The field traces its beginnings to the Russo-Japanese War of 1905, when both sides interfered in the other’s wireless telegraphy. But EW really took off in World War II with the invention of radar, which works by beaming microwave energy at inbound enemy planes and detecting the reflected echo. Almost as soon as radar became operational, both sides started figuring out countermeasures.
“Early electronic countermeasures, called ‘jamming,’ involved putting out so much noise at the frequency of the radar that the real target was obscured,” says former Air Force test pilot Thomas Tilden. “Or you could drop lots of ‘chaff’ [tiny metal strips] to flood the radar with returns.”
As technology advanced, the number of countermeasure techniques multiplied, which then spurred counter-countermeasures. “It’s an ongoing chess game,” Carlson says. “As soon as you make a move, somebody will make a counter-move or countermeasure.”
One advance was to build aircraft in certain shapes, out of particular materials, so that they reflect very little radar energy back to the sender. Stealthy F-35 and F-22 fighters do this, as do the Chinese J-20 and the Russian Su-57. Another trick is to record an enemy radar’s electromagnetic pulses and then play it back with delays, to make it seem like an aircraft is further away, or with a shifted frequency, so it appears to be traveling at a different velocity. It was this kind of trick, called Doppler spoofing, that enabled the U.S. to baffle Cuban air-defense personnel.
The new ODNI report doesn’t provide any details on individual UAP events, so it’s impossible to independently weigh underlying causes. But among the incidents it tallies is presumably a 2014 event that has previously been described by the New York Times. At the time, pilots from a Navy squadron operating out of Virginia repeatedly detected strange targets on their newly updated radar systems. The objects appeared to drop abruptly from 30,000 feet to sea level, slow down, and accelerate to hypersonic speeds. In one incident, one of the pilots, Lieutenant Danny Accoin, turned to intercept one such target, but when he flew underneath its supposed location there was nothing to be seen.
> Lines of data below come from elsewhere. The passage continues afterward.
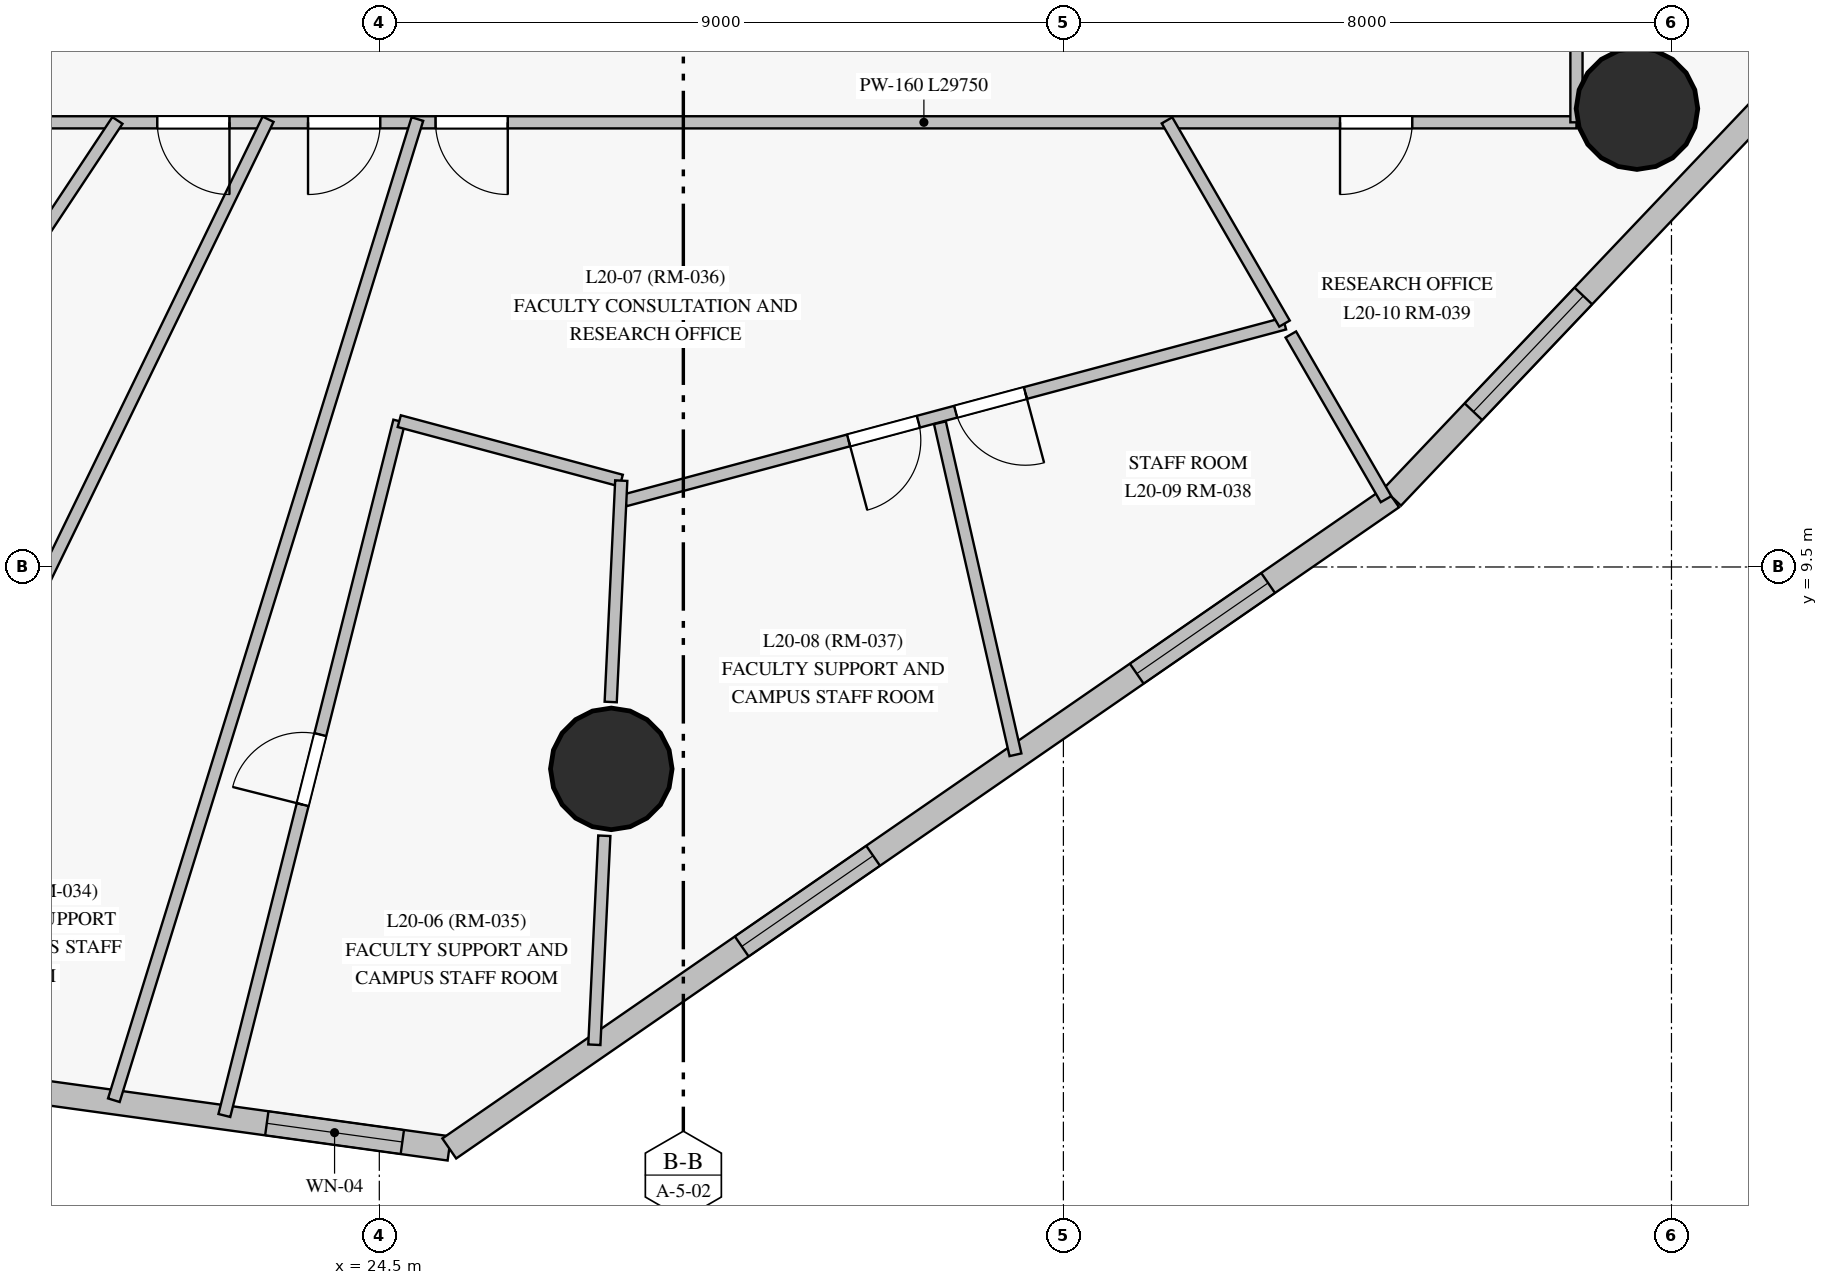
"""IFC4 building model, lengths in metres.
Left out: names, types, materials, properties, quantities, classifications, styles, units other than length and angle.
Written with IfcOpenShell. Run it as: python <this file> out.ifc"""

import sys

from ifc_helpers import new_model, si_unit, direction, frame, frame_2d, origin, origin_with_axes, origin_2d, place, context, subcontext, project, spatial, rectangle, circle, extrude, source, transform, mapped, element, fill, save


model = new_model("IFC4")
c1 = context("Model", 3, precision=1e-05, world=origin(), true_north=direction((0.0, 1.0)))
c2 = subcontext(c1, "Body", "Model", "MODEL_VIEW")
j1 = project(units=[si_unit("LENGTHUNIT", "METRE"), si_unit("PLANEANGLEUNIT", "RADIAN")], contexts=[c1])
p1 = place(None, origin())
s1 = spatial("IfcSite", under=j1, at=p1, CompositionType="ELEMENT")
p2 = place(p1, origin())
s2 = spatial("IfcBuilding", under=s1, at=p2, CompositionType="ELEMENT")
p3 = place(p2, frame((0.0, 0.0, 76.9)))
s3 = spatial("IfcBuildingStorey", under=s2, at=p3, CompositionType="ELEMENT", Elevation=76.9)
m1 = source(origin_with_axes(), c2, "Body", "SweptSolid", [
    extrude(circle(Radius=0.8, at=origin_2d()), origin(), (0.0, 0.0, 1.0), 3.6),
])
for number, where, z_axis, x_axis in (
    (1, (27.552, 6.844, 0.0), (0.0, 0.0, 1.0), (1.0, 0.0, 0.0)),
    (2, (41.046, 15.53, 0.0), (0.0, 0.0, 1.0), (1.0, 0.0, 0.0)),
):
    element("IfcColumn", number, at=place(p3, frame(where, z_axis=z_axis, x_axis=x_axis)), inside=s3, PredefinedType="COLUMN", context=c2, shape_type="MappedRepresentation", body=[
        mapped(m1, transform((0.0, 0.0, 0.0), scale=1.0)),
    ])
p4 = place(p3, frame((15.447, 3.226, 0.0), z_axis=(0.0, 0.0, 1.0), x_axis=(0.990613318008, -0.136694016636, 0.0)))
e3 = element("IfcWall", 3, at=p4, inside=s3, PredefinedType="SOLIDWALL", context=c2, shape_type="SweptSolid", body=[
    extrude(rectangle(XDim=10.068, YDim=0.32, at=frame_2d((5.034, 0.0))), origin(), (0.0, 0.0, 1.0), 3.35),
])
p5 = place(p4, frame((2.563, 0.0, 0.85)))
e4 = element("IfcOpeningElement", 4, at=p5, cuts=e3, PredefinedType="OPENING", context=c2, shape_type="SweptSolid", body=[
    extrude(rectangle(XDim=2.1, YDim=1.95, at=frame_2d((1.05, 0.975))), frame((0.0, 0.17, 0.0), z_axis=(0.0, -1.0, 0.0), x_axis=(1.0, 0.0, 0.0)), (0.0, 0.0, 1.0), 0.34),
])
p6 = place(p4, frame((7.645, 0.0, 0.85)))
e5 = element("IfcOpeningElement", 5, at=p6, cuts=e3, PredefinedType="OPENING", context=c2, shape_type="SweptSolid", body=[
    extrude(rectangle(XDim=1.8, YDim=1.85, at=frame_2d((0.9, 0.925))), frame((0.0, 0.17, 0.0), z_axis=(0.0, -1.0, 0.0), x_axis=(1.0, 0.0, 0.0)), (0.0, 0.0, 1.0), 0.34),
])
p7 = place(p3, frame((25.42, 1.85, 0.0), z_axis=(0.0, 0.0, 1.0), x_axis=(0.822842271762, 0.568269826581, 0.0)))
e6 = element("IfcWall", 6, at=p7, inside=s3, PredefinedType="SOLIDWALL", context=c2, shape_type="SweptSolid", body=[
    extrude(rectangle(XDim=15.076, YDim=0.32, at=frame_2d((7.538, 0.0))), origin(), (0.0, 0.0, 1.0), 3.35),
])
p8 = place(p7, frame((4.677, 0.0, 0.85)))
e7 = element("IfcOpeningElement", 7, at=p8, cuts=e6, PredefinedType="OPENING", context=c2, shape_type="SweptSolid", body=[
    extrude(rectangle(XDim=2.1, YDim=1.95, at=frame_2d((1.05, 0.975))), frame((0.0, 0.17, 0.0), z_axis=(0.0, -1.0, 0.0), x_axis=(1.0, 0.0, 0.0)), (0.0, 0.0, 1.0), 0.34),
])
p9 = place(p7, frame((10.992, 0.0, 0.85)))
e8 = element("IfcOpeningElement", 8, at=p9, cuts=e6, PredefinedType="OPENING", context=c2, shape_type="SweptSolid", body=[
    extrude(rectangle(XDim=2.1, YDim=1.95, at=frame_2d((1.05, 0.975))), frame((0.0, 0.17, 0.0), z_axis=(0.0, -1.0, 0.0), x_axis=(1.0, 0.0, 0.0)), (0.0, 0.0, 1.0), 0.34),
])
p10 = place(p3, frame((37.825, 10.417, 0.0), z_axis=(0.0, 0.0, 1.0), x_axis=(0.688609262867, 0.725132596905, 0.0)))
e9 = element("IfcWall", 9, at=p10, inside=s3, PredefinedType="SOLIDWALL", context=c2, shape_type="SweptSolid", body=[
    extrude(rectangle(XDim=10.481, YDim=0.32, at=frame_2d((5.241, 0.0))), origin(), (0.0, 0.0, 1.0), 3.35),
])
p11 = place(p10, frame((1.552, 0.0, 0.85)))
e10 = element("IfcOpeningElement", 10, at=p11, cuts=e9, PredefinedType="OPENING", context=c2, shape_type="SweptSolid", body=[
    extrude(rectangle(XDim=2.1, YDim=1.95, at=frame_2d((1.05, 0.975))), frame((0.0, 0.17, 0.0), z_axis=(0.0, -1.0, 0.0), x_axis=(1.0, 0.0, 0.0)), (0.0, 0.0, 1.0), 0.34),
])
p12 = place(p10, frame((7.513, 0.0, 0.85)))
e11 = element("IfcOpeningElement", 11, at=p12, cuts=e9, PredefinedType="OPENING", context=c2, shape_type="SweptSolid", body=[
    extrude(rectangle(XDim=2.1, YDim=1.95, at=frame_2d((1.05, 0.975))), frame((0.0, 0.17, 0.0), z_axis=(0.0, -1.0, 0.0), x_axis=(1.0, 0.0, 0.0)), (0.0, 0.0, 1.0), 0.34),
])
p13 = place(p3, frame((40.25, 15.35, 0.0), z_axis=(0.0, 0.0, 1.0), x_axis=(-1.0, 0.0, 0.0)))
e12 = element("IfcWall", 12, at=p13, inside=s3, PredefinedType="PARTITIONING", context=c2, shape_type="SweptSolid", body=[
    extrude(rectangle(XDim=29.75, YDim=0.16, at=frame_2d((14.875, 0.0))), origin(), (0.0, 0.0, 1.0), 2.7),
])
p14 = place(p13, frame((26.037, 0.0, 0.0)))
e13 = element("IfcOpeningElement", 13, at=p14, cuts=e12, PredefinedType="OPENING", context=c2, shape_type="SweptSolid", body=[
    extrude(rectangle(XDim=0.96, YDim=2.15, at=frame_2d((0.48, 1.075))), frame((0.0, 0.09, 0.0), z_axis=(0.0, -1.0, 0.0), x_axis=(1.0, 0.0, 0.0)), (0.0, 0.0, 1.0), 0.18),
])
p15 = place(p13, frame((21.837, 0.0, 0.0)))
e14 = element("IfcOpeningElement", 14, at=p15, cuts=e12, PredefinedType="OPENING", context=c2, shape_type="SweptSolid", body=[
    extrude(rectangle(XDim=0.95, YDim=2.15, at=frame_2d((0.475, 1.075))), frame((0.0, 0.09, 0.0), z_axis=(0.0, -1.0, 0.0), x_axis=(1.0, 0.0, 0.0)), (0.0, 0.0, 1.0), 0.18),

It’s possible that strange observations like this are a result of extraterrestrial activity, but what’s more worrying to the Pentagon is the possibility that one of its potential adversaries stole a march on America’s EW capabilities. The U.S. has long been at the technical forefront of electronic warfare, but there are no guarantees that that will continue to be the case. As electronics and data processing have become vastly more sophisticated, they have also become more widely available. Adversary nations like China and Russia have their own systems, and so do smaller nations such as Israel, Turkey, and Iran.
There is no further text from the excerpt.